The  vacation bench of justices SJ Kathawala and PD Kode was hearing the plea of three engineering students whose results of the Electronics Computer Programming paper, held as part of their May 2011 examination, were withheld after MU termed theirs a “Reserved Copy Case” (RCC).

According to Chandrakanta Gongane, advocate for the university, the answer sheet of one of the petitioners was found on peon Ramsingh Girasingh, who was allegedly caught along with other answer sheets from inside the MU premises on June 22, 2011. While Girasingh was handed over to police, MU appointed a UMIC to look into the matter. However, this was done only in September 2011, a delay which deputy registrar (examination) Datta Gughe (also present in court), was not able to explain.
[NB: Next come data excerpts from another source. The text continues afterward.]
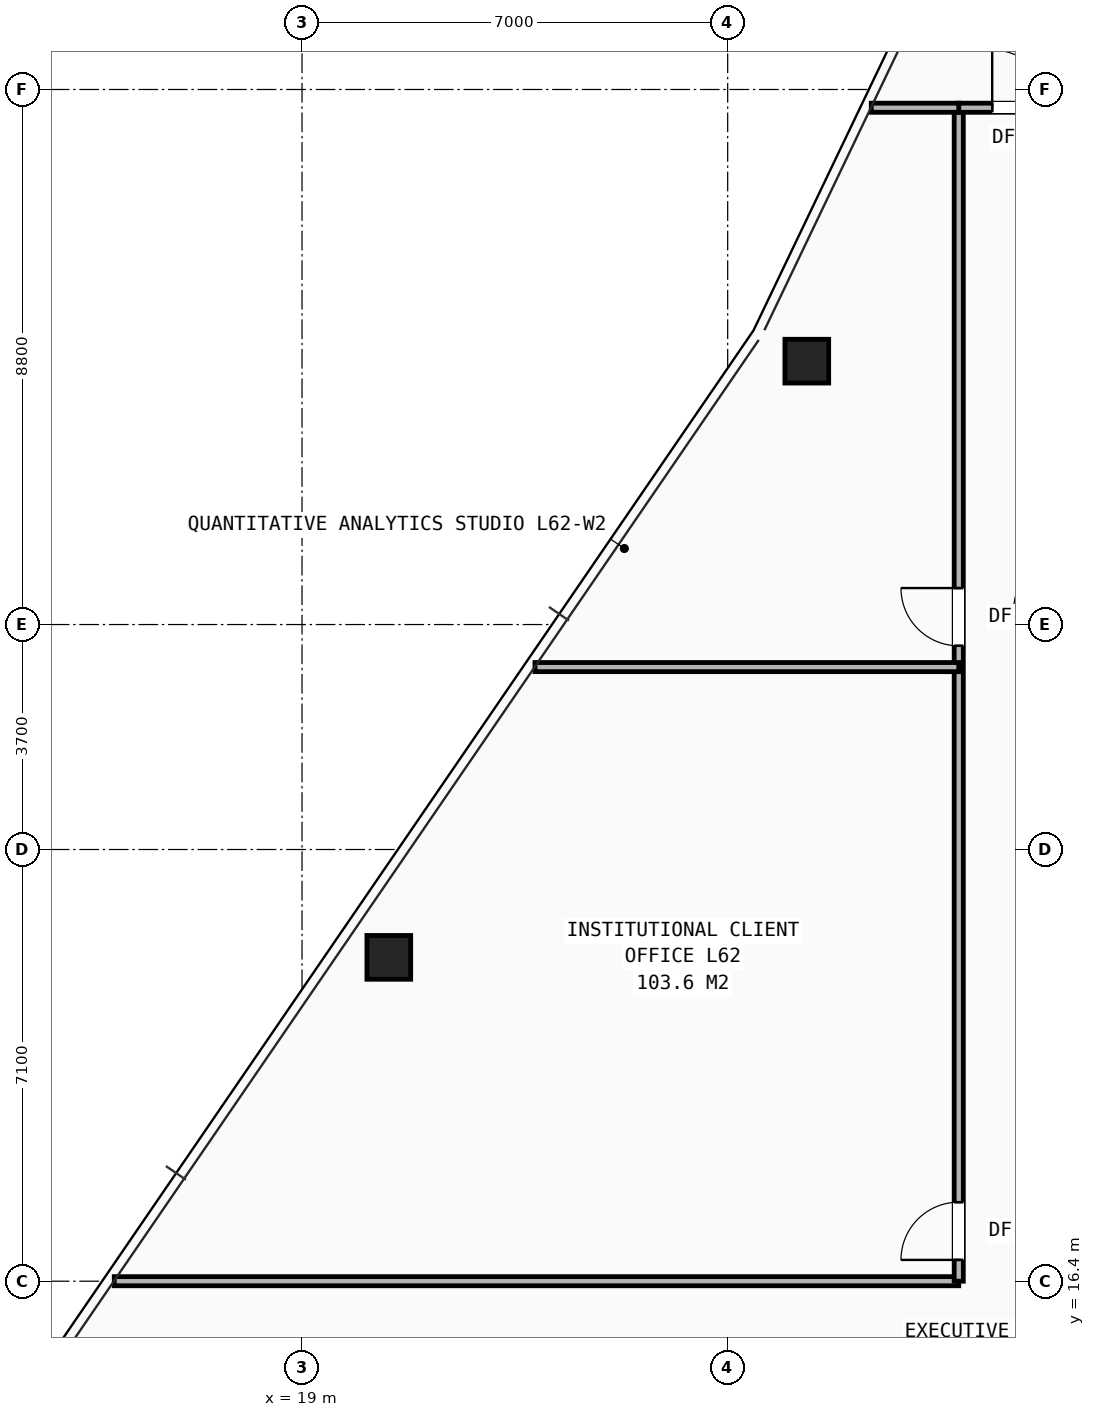
"""IFC4 building model, lengths in metres.
Left out: names, types, materials, properties, quantities, classifications, styles, units other than length and angle.
Written with IfcOpenShell. Run it as: python <this file> out.ifc"""

import sys

from ifc_helpers import new_model, si_unit, direction, frame, frame_2d, origin, origin_2d, place, context, subcontext, project, spatial, rectangle, hollow_rectangle, extrude, element, fill, save


model = new_model("IFC4")
c1 = context("Model", 3, precision=1e-05, world=origin(), true_north=direction((0.0, 1.0)))
c2 = subcontext(c1, "Body", "Model", "MODEL_VIEW")
j1 = project(units=[si_unit("LENGTHUNIT", "METRE"), si_unit("PLANEANGLEUNIT", "RADIAN")], contexts=[c1])
p1 = place(None, origin())
s1 = spatial("IfcSite", under=j1, at=p1, CompositionType="ELEMENT")
p2 = place(p1, origin())
s2 = spatial("IfcBuilding", under=s1, at=p2, CompositionType="ELEMENT")
p3 = place(p2, frame((0.0, 0.0, 218.9)))
s3 = spatial("IfcBuildingStorey", under=s2, at=p3, CompositionType="ELEMENT", Elevation=218.9)
for number, where, z_axis, x_axis in (
    (1, (27.301, 31.532, 0.0), (0.0, 0.0, 1.0), (1.0, 0.0, 0.0)),
    (2, (20.427, 21.726, 0.0), (0.0, 0.0, 1.0), (1.0, 0.0, 0.0)),
):
    element("IfcColumn", number, at=place(p3, frame(where, z_axis=z_axis, x_axis=x_axis)), inside=s3, PredefinedType="COLUMN", context=c2, shape_type="SweptSolid", body=[
        extrude(hollow_rectangle(XDim=0.72, YDim=0.72, WallThickness=0.05, at=origin_2d()), origin(), (0.0, 0.0, 1.0), 3.5),
    ])
p4 = place(p3, frame((15.912, 16.4, 0.0), z_axis=(0.0, 0.0, 1.0), x_axis=(1.0, 0.0, 0.0)))
e3 = element("IfcWall", 3, at=p4, inside=s3, PredefinedType="PARTITIONING", context=c2, shape_type="SweptSolid", body=[
    extrude(rectangle(XDim=13.888, YDim=0.15, at=frame_2d((6.944, 0.0))), origin(), (0.0, 0.0, 1.0), 2.292),
])
p5 = place(p3, frame((29.8, 16.4, 0.0), z_axis=(0.0, 0.0, 1.0), x_axis=(0.0, 1.0, 0.0)))
e4 = element("IfcWall", 4, at=p5, inside=s3, PredefinedType="PARTITIONING", context=c2, shape_type="SweptSolid", body=[
    extrude(rectangle(XDim=19.3, YDim=0.15, at=frame_2d((9.65, 0.0))), origin(), (0.0, 0.0, 1.0), 2.292),
])
p6 = place(p5, frame((0.35, 0.0, 0.0)))
e5 = element("IfcOpeningElement", 5, at=p6, cuts=e4, PredefinedType="OPENING", context=c2, shape_type="SweptSolid", body=[
    extrude(rectangle(XDim=0.95, YDim=2.1, at=frame_2d((0.475, 1.05))), frame((0.0, 0.085, 0.0), z_axis=(0.0, -1.0, 0.0), x_axis=(1.0, 0.0, 0.0)), (0.0, 0.0, 1.0), 0.17),
])
p7 = place(p5, frame((10.45, 0.0, 0.0)))
e6 = element("IfcOpeningElement", 6, at=p7, cuts=e4, PredefinedType="OPENING", context=c2, shape_type="SweptSolid", body=[
    extrude(rectangle(XDim=0.95, YDim=2.1, at=frame_2d((0.475, 1.05))), frame((0.0, 0.085, 0.0), z_axis=(0.0, -1.0, 0.0), x_axis=(1.0, 0.0, 0.0)), (0.0, 0.0, 1.0), 0.17),
])
p8 = place(p3, frame((29.8, 35.7, 0.0), z_axis=(0.0, 0.0, 1.0), x_axis=(1.0, 0.0, 0.0)))
e7 = element("IfcWall", 7, at=p8, inside=s3, PredefinedType="PARTITIONING", context=c2, shape_type="SweptSolid", body=[
    extrude(rectangle(XDim=9.45, YDim=0.15, at=frame_2d((4.725, 0.0))), origin(), (0.0, 0.0, 1.0), 2.833),
])
p9 = place(p8, frame((0.55, 0.0, 0.0)))
e8 = element("IfcOpeningElement", 8, at=p9, cuts=e7, PredefinedType="OPENING", context=c2, shape_type="SweptSolid", body=[
    extrude(rectangle(XDim=0.95, YDim=2.1, at=frame_2d((0.475, 1.05))), frame((0.0, 0.085, 0.0), z_axis=(0.0, -1.0, 0.0), x_axis=(1.0, 0.0, 0.0)), (0.0, 0.0, 1.0), 0.17),
])
p10 = place(p3, frame((28.361, 35.7, 0.0), z_axis=(0.0, 0.0, 1.0), x_axis=(1.0, 0.0, 0.0)))
e9 = element("IfcWall", 9, at=p10, inside=s3, PredefinedType="PARTITIONING", context=c2, shape_type="SweptSolid", body=[
    extrude(rectangle(XDim=1.439, YDim=0.15, at=frame_2d((0.719, 0.0))), origin(), (0.0, 0.0, 1.0), 2.628),
])
p11 = place(p3, frame((22.831, 26.5, 0.0), z_axis=(0.0, 0.0, 1.0), x_axis=(1.0, 0.0, 0.0)))
e10 = element("IfcWall", 10, at=p11, inside=s3, PredefinedType="PARTITIONING", context=c2, shape_type="SweptSolid", body=[
    extrude(rectangle(XDim=6.969, YDim=0.15, at=frame_2d((3.484, 0.0))), origin(), (0.0, 0.0, 1.0), 2.628),
])
p12 = place(p6, origin())
e11 = element("IfcDoor", 11, at=p12, inside=s3, OperationType="SINGLE_SWING_LEFT", PredefinedType="DOOR", context=c2, shape_type="SweptSolid", body=[
    extrude(rectangle(XDim=0.95, YDim=2.1, at=frame_2d((0.475, 1.05))), frame((0.0, 0.025, 0.0), z_axis=(0.0, -1.0, 0.0), x_axis=(1.0, 0.0, 0.0)), (0.0, 0.0, 1.0), 0.05),
])
fill(e5, e11)
p13 = place(p7, origin())
e12 = element("IfcDoor", 12, at=p13, inside=s3, OperationType="SINGLE_SWING_RIGHT", PredefinedType="DOOR", context=c2, shape_type="SweptSolid", body=[
    extrude(rectangle(XDim=0.95, YDim=2.1, at=frame_2d((0.475, 1.05))), frame((0.0, 0.025, 0.0), z_axis=(0.0, -1.0, 0.0), x_axis=(1.0, 0.0, 0.0)), (0.0, 0.0, 1.0), 0.05),
])
fill(e6, e12)
p14 = place(p9, origin())
e13 = element("IfcDoor", 13, at=p14, inside=s3, OperationType="SINGLE_SWING_LEFT", PredefinedType="DOOR", context=c2, shape_type="SweptSolid", body=[
    extrude(rectangle(XDim=0.95, YDim=2.1, at=frame_2d((0.475, 1.05))), frame((0.0, 0.025, 0.0), z_axis=(0.0, -1.0, 0.0), x_axis=(1.0, 0.0, 0.0)), (0.0, 0.0, 1.0), 0.05),
])
fill(e8, e13)
save(model, sys.argv[1])

What shocked the court most was the fact that till date, the panel has not called the students to appear before them and explain the charges levelled against them. When MU justified the delay by saying the confiscated papers were still with the police, an irked bench said, “The students not only have the right to be heard by the inquiry panel — a right that they have been deprived of till date, but are also entitled to an expeditious decision by the MU, so that they can decide the future course of their career.”

While observing “complete insensitivity on part of MU as well as the UMIC to the problems of the petitioners”, the HC bench directed the varsity to file a detailed affidavit stating its reasons for referring the matter to the UMIC in September and why the said committee has not taken any steps in the matter. Also, it asked MU to explain why no steps were taken till April 2012 to get the certified copies of the answer sheets from the BKC police, which is probing the theft.

While the petitioners’ advocates, Amruta Patil and Virendra Neve,  sought the quashing of MU’s verbal order of not allowing the three to appear for the examination this year, the bench directed the university to produce their results in a sealed cover.